"-Inf" values of obs_phenotype

hyunhwan-jeong commented 6 years ago

To simulate growth screening, I wrote below notebook:

https://gist.github.com/hyunhwaj/b941b84224d22b9b4bc112ee3b904d38

After I ran differences_between_bins, I am able to have bc_counts variable, but all of the values of obs_phenotype are -Inf. I don't see the issue when I simulate FACS screening. I am doubting the -Inf values are correct, and we might have other values which are close to theo_phenotype. Also, it is possible my code on the notebook is wrong. I will appreciate if it is true and you inform me what mistakes were in the code.

Thank you,

Hyun-Hwan Jeong

tlnagy commented 6 years ago

Sorry it took me so long to get to this. obs_phenotype is only used for FACS screens so it shouldn't be a problem for a Growth Screen.

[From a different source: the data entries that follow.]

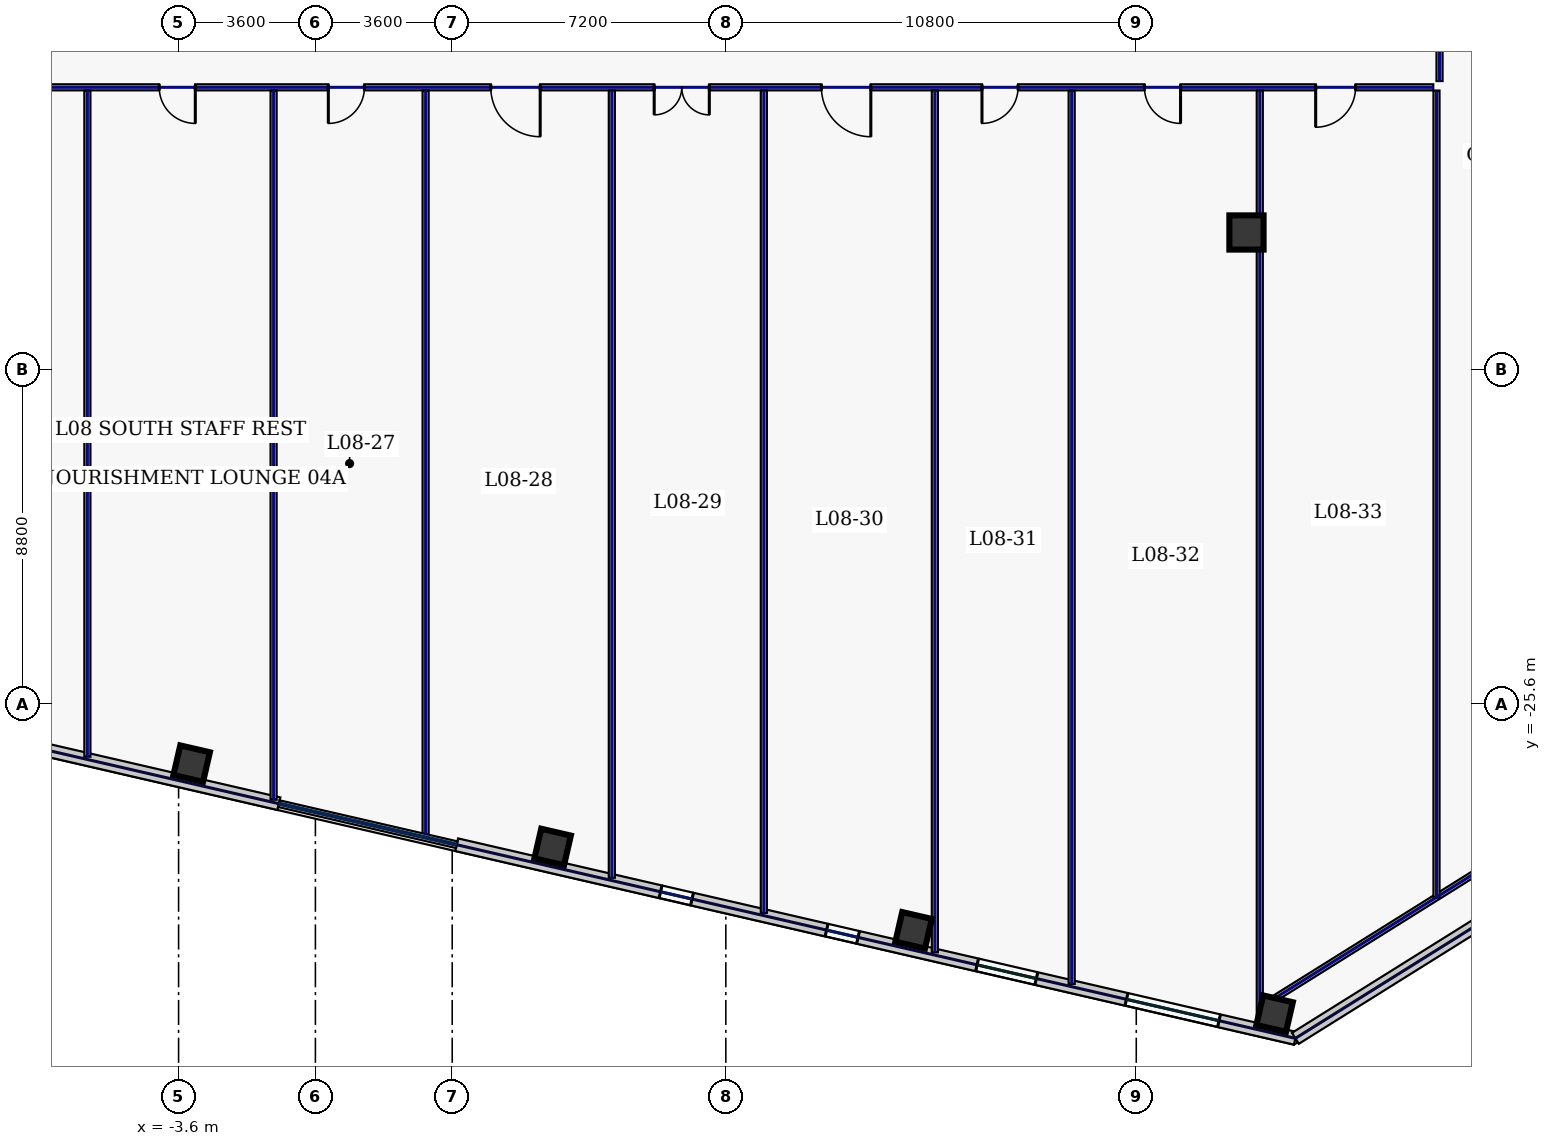
"""IFC4 building model, lengths in metres.
Left out: names, types, materials, properties, quantities, classifications, styles, units other than length and angle.
Written with IfcOpenShell. Run it as: python <this file> out.ifc"""

import sys

from ifc_helpers import new_model, si_unit, direction, frame, frame_2d, origin, origin_2d, place, context, subcontext, project, spatial, rectangle, hollow_rectangle, extrude, element, fill, save


model = new_model("IFC4")
c1 = context("Model", 3, precision=1e-05, world=origin(), true_north=direction((0.0, 1.0)))
c2 = subcontext(c1, "Body", "Model", "MODEL_VIEW")
j1 = project(units=[si_unit("LENGTHUNIT", "METRE"), si_unit("PLANEANGLEUNIT", "RADIAN")], contexts=[c1])
p1 = place(None, origin())
s1 = spatial("IfcSite", under=j1, at=p1, CompositionType="ELEMENT")
p2 = place(p1, origin())
s2 = spatial("IfcBuilding", under=s1, at=p2, CompositionType="ELEMENT")
p3 = place(p2, frame((0.0, 0.0, 43.4)))
s3 = spatial("IfcBuildingStorey", under=s2, at=p3, CompositionType="ELEMENT", Elevation=43.4)
p4 = place(p3, frame((24.5, -13.2, 0.0), z_axis=(0.0, 0.0, 1.0), x_axis=(1.0, 0.0, 0.0)))
e1 = element("IfcColumn", 1, at=p4, inside=s3, PredefinedType="COLUMN", context=c2, shape_type="SweptSolid", body=[
    extrude(hollow_rectangle(XDim=0.9, YDim=0.9, WallThickness=0.04, at=origin_2d()), origin(), (0.0, 0.0, 1.0), 3.74),
])
for number, where, z_axis, x_axis in (
    (2, (-3.256, -27.178, 0.0), (0.0, 0.0, 1.0), (0.974, -0.225, 0.0)),
    (3, (6.242, -29.371, 0.0), (0.0, 0.0, 1.0), (0.974, -0.225, 0.0)),
    (4, (15.741, -31.564, 0.0), (0.0, 0.0, 1.0), (0.974, -0.225, 0.0)),
    (5, (25.24, -33.757, 0.0), (0.0, 0.0, 1.0), (0.974, -0.225, 0.0)),
):
    element("IfcColumn", number, at=place(p3, frame(where, z_axis=z_axis, x_axis=x_axis)), inside=s3, PredefinedType="COLUMN", context=c2, shape_type="SweptSolid", body=[
        extrude(hollow_rectangle(XDim=0.8, YDim=0.8, WallThickness=0.036, at=origin_2d()), origin(), (0.0, 0.0, 1.0), 3.74),
    ])
p5 = place(p3, frame((-14.892, -25.015, 0.0), z_axis=(0.0, 0.0, 1.0), x_axis=(0.974372775, -0.224939314791, 0.0)))
e6 = element("IfcWall", 6, at=p5, inside=s3, PredefinedType="STANDARD", context=c2, shape_type="SweptSolid", body=[
    extrude(rectangle(XDim=14.299, YDim=0.34, at=frame_2d((7.149, 0.0))), origin(), (0.0, 0.0, 1.0), 3.74),
])
p6 = place(p5, frame((3.458, 0.0, 0.72)))
e7 = element("IfcOpeningElement", 7, at=p6, cuts=e6, PredefinedType="OPENING", context=c2, shape_type="SweptSolid", body=[
    extrude(rectangle(XDim=2.5, YDim=2.15, at=frame_2d((1.25, 1.075))), frame((0.0, 0.18, 0.0), z_axis=(0.0, -1.0, 0.0), x_axis=(1.0, 0.0, 0.0)), (0.0, 0.0, 1.0), 0.36),
])
p7 = place(p3, frame((3.717, -29.311, 0.0), z_axis=(0.0, 0.0, 1.0), x_axis=(0.97436993772, -0.224951604723, 0.0)))
e8 = element("IfcWall", 8, at=p7, inside=s3, PredefinedType="STANDARD", context=c2, shape_type="SweptSolid", body=[
    extrude(rectangle(XDim=22.651, YDim=0.34, at=frame_2d((11.326, 0.0))), origin(), (0.0, 0.0, 1.0), 3.74),
])
p8 = place(p7, frame((5.506, 0.0, 0.72)))
e9 = element("IfcOpeningElement", 9, at=p8, cuts=e8, PredefinedType="OPENING", context=c2, shape_type="SweptSolid", body=[
    extrude(rectangle(XDim=0.85, YDim=1.85, at=frame_2d((0.425, 0.925))), frame((0.0, 0.18, 0.0), z_axis=(0.0, -1.0, 0.0), x_axis=(1.0, 0.0, 0.0)), (0.0, 0.0, 1.0), 0.36),
])
p9 = place(p7, frame((9.991, 0.0, 0.72)))
e10 = element("IfcOpeningElement", 10, at=p9, cuts=e8, PredefinedType="OPENING", context=c2, shape_type="SweptSolid", body=[
    extrude(rectangle(XDim=0.85, YDim=1.85, at=frame_2d((0.425, 0.925))), frame((0.0, 0.18, 0.0), z_axis=(0.0, -1.0, 0.0), x_axis=(1.0, 0.0, 0.0)), (0.0, 0.0, 1.0), 0.36),
])
p10 = place(p7, frame((14.055, 0.0, 0.22)))
e11 = element("IfcOpeningElement", 11, at=p10, cuts=e8, PredefinedType="OPENING", context=c2, shape_type="SweptSolid", body=[
    extrude(rectangle(XDim=1.6, YDim=1.2, at=frame_2d((0.8, 0.6))), frame((0.0, 0.18, 0.0), z_axis=(0.0, -1.0, 0.0), x_axis=(1.0, 0.0, 0.0)), (0.0, 0.0, 1.0), 0.36),
])
p11 = place(p7, frame((18.089, 0.0, 0.72)))
e12 = element("IfcOpeningElement", 12, at=p11, cuts=e8, PredefinedType="OPENING", context=c2, shape_type="SweptSolid", body=[
    extrude(rectangle(XDim=2.5, YDim=2.15, at=frame_2d((1.25, 1.075))), frame((0.0, 0.18, 0.0), z_axis=(0.0, -1.0, 0.0), x_axis=(1.0, 0.0, 0.0)), (0.0, 0.0, 1.0), 0.36),
])
p12 = place(p3, frame((25.788, -34.406, 0.0), z_axis=(0.0, 0.0, 1.0), x_axis=(0.848046504656, 0.529921811158, 0.0)))
e13 = element("IfcWall", 13, at=p12, inside=s3, PredefinedType="STANDARD", context=c2, shape_type="SweptSolid", body=[
    extrude(rectangle(XDim=7.113, YDim=0.34, at=frame_2d((3.557, 0.0))), origin(), (0.0, 0.0, 1.0), 3.74),
])
p13 = place(p3, frame((25.06, -33.468, 0.0), z_axis=(0.0, 0.0, 1.0), x_axis=(0.848043064089, 0.529927317139, 0.0)))
e14 = element("IfcWall", 14, at=p13, inside=s3, PredefinedType="PARTITIONING", context=c2, shape_type="SweptSolid", body=[
    extrude(rectangle(XDim=7.354, YDim=0.16, at=frame_2d((3.677, 0.0))), origin(), (0.0, 0.0, 1.0), 3.74),
])
p14 = place(p3, frame((29.58, 9.415, 0.0), z_axis=(0.0, 0.0, 1.0), x_axis=(0.0, -1.0, 0.0)))
e15 = element("IfcWall", 15, at=p14, inside=s3, PredefinedType="PARTITIONING", context=c2, shape_type="SweptSolid", body=[
    extrude(rectangle(XDim=18.63, YDim=0.16, at=frame_2d((9.315, 0.0))), origin(), (0.0, 0.0, 1.0), 3.74),
])
p15 = place(p14, frame((16.081, 0.0, 0.0)))
e16 = element("IfcOpeningElement", 16, at=p15, cuts=e15, PredefinedType="OPENING", context=c2, shape_type="SweptSolid", body=[
    extrude(rectangle(XDim=0.95, YDim=2.2, at=frame_2d((0.475, 1.1))), frame((0.0, 0.09, 0.0), z_axis=(0.0, -1.0, 0.0), x_axis=(1.0, 0.0, 0.0)), (0.0, 0.0, 1.0), 0.18),
])
p16 = place(p14, frame((11.0, 0.0, 0.0)))
e17 = element("IfcOpeningElement", 17, at=p16, cuts=e15, PredefinedType="OPENING", context=c2, shape_type="SweptSolid", body=[
    extrude(rectangle(XDim=0.95, YDim=2.2, at=frame_2d((0.475, 1.1))), frame((0.0, 0.09, 0.0), z_axis=(0.0, -1.0, 0.0), x_axis=(1.0, 0.0, 0.0)), (0.0, 0.0, 1.0), 0.18),
])
p17 = place(p14, frame((5.8, 0.0, 0.0)))
e18 = element("IfcOpeningElement", 18, at=p17, cuts=e15, PredefinedType="OPENING", context=c2, shape_type="SweptSolid", body=[
    extrude(rectangle(XDim=0.95, YDim=2.2, at=frame_2d((0.475, 1.1))), frame((0.0, 0.09, 0.0), z_axis=(0.0, -1.0, 0.0), x_axis=(1.0, 0.0, 0.0)), (0.0, 0.0, 1.0), 0.18),
])
p18 = place(p14, frame((1.869, 0.0, 0.0)))
e19 = element("IfcOpeningElement", 19, at=p18, cuts=e15, PredefinedType="OPENING", context=c2, shape_type="SweptSolid", body=[
    extrude(rectangle(XDim=0.95, YDim=2.2, at=frame_2d((0.475, 1.1))), frame((0.0, 0.09, 0.0), z_axis=(0.0, -1.0, 0.0), x_axis=(1.0, 0.0, 0.0)), (0.0, 0.0, 1.0), 0.18),
])
p19 = place(p3, frame((29.415, -9.38, 0.0), z_axis=(0.0, 0.0, 1.0), x_axis=(-1.0, 0.0, 0.0)))
e20 = element("IfcWall", 20, at=p19, inside=s3, PredefinedType="PARTITIONING", context=c2, shape_type="SweptSolid", body=[
    extrude(rectangle(XDim=58.83, YDim=0.16, at=frame_2d((29.415, 0.0))), origin(), (0.0, 0.0, 1.0), 3.74),
])
p20 = place(p19, frame((55.831, 0.0, 0.0)))
e21 = element("IfcOpeningElement", 21, at=p20, cuts=e20, PredefinedType="OPENING", context=c2, shape_type="SweptSolid", body=[
    extrude(rectangle(XDim=1.3, YDim=2.2, at=frame_2d((0.65, 1.1))), frame((0.0, 0.09, 0.0), z_axis=(0.0, -1.0, 0.0), x_axis=(1.0, 0.0, 0.0)), (0.0, 0.0, 1.0), 0.18),
])
p21 = place(p19, frame((49.738, 0.0, 0.0)))
e22 = element("IfcOpeningElement", 22, at=p21, cuts=e20, PredefinedType="OPENING", context=c2, shape_type="SweptSolid", body=[
    extrude(rectangle(XDim=1.05, YDim=2.2, at=frame_2d((0.525, 1.1))), frame((0.0, 0.09, 0.0), z_axis=(0.0, -1.0, 0.0), x_axis=(1.0, 0.0, 0.0)), (0.0, 0.0, 1.0), 0.18),
])
p22 = place(p19, frame((45.512, 0.0, 0.0)))
e23 = element("IfcOpeningElement", 23, at=p22, cuts=e20, PredefinedType="OPENING", context=c2, shape_type="SweptSolid", body=[
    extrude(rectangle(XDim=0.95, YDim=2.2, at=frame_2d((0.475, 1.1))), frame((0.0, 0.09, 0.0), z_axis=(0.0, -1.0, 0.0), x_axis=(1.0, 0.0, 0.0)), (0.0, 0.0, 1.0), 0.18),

obs_phenotype is initialized to -Inf here

https://github.com/tlnagy/Crispulator.jl/blob/master/src/simulation/common.jl#L32

and then is updated when you call select

https://github.com/tlnagy/Crispulator.jl/blob/master/src/simulation/selection.jl#L19-L20

tlnagy commented 6 years ago

After looking at this, it looks like obs_phenotype is a bit unnecessary since the "observed" phenotype is the counts of each guide in either bin (bottom vs top percentile in FACS and the beginning vs end for growth screens). There is actual no reference to obs_phenotype outside of the two lines in the previous commit.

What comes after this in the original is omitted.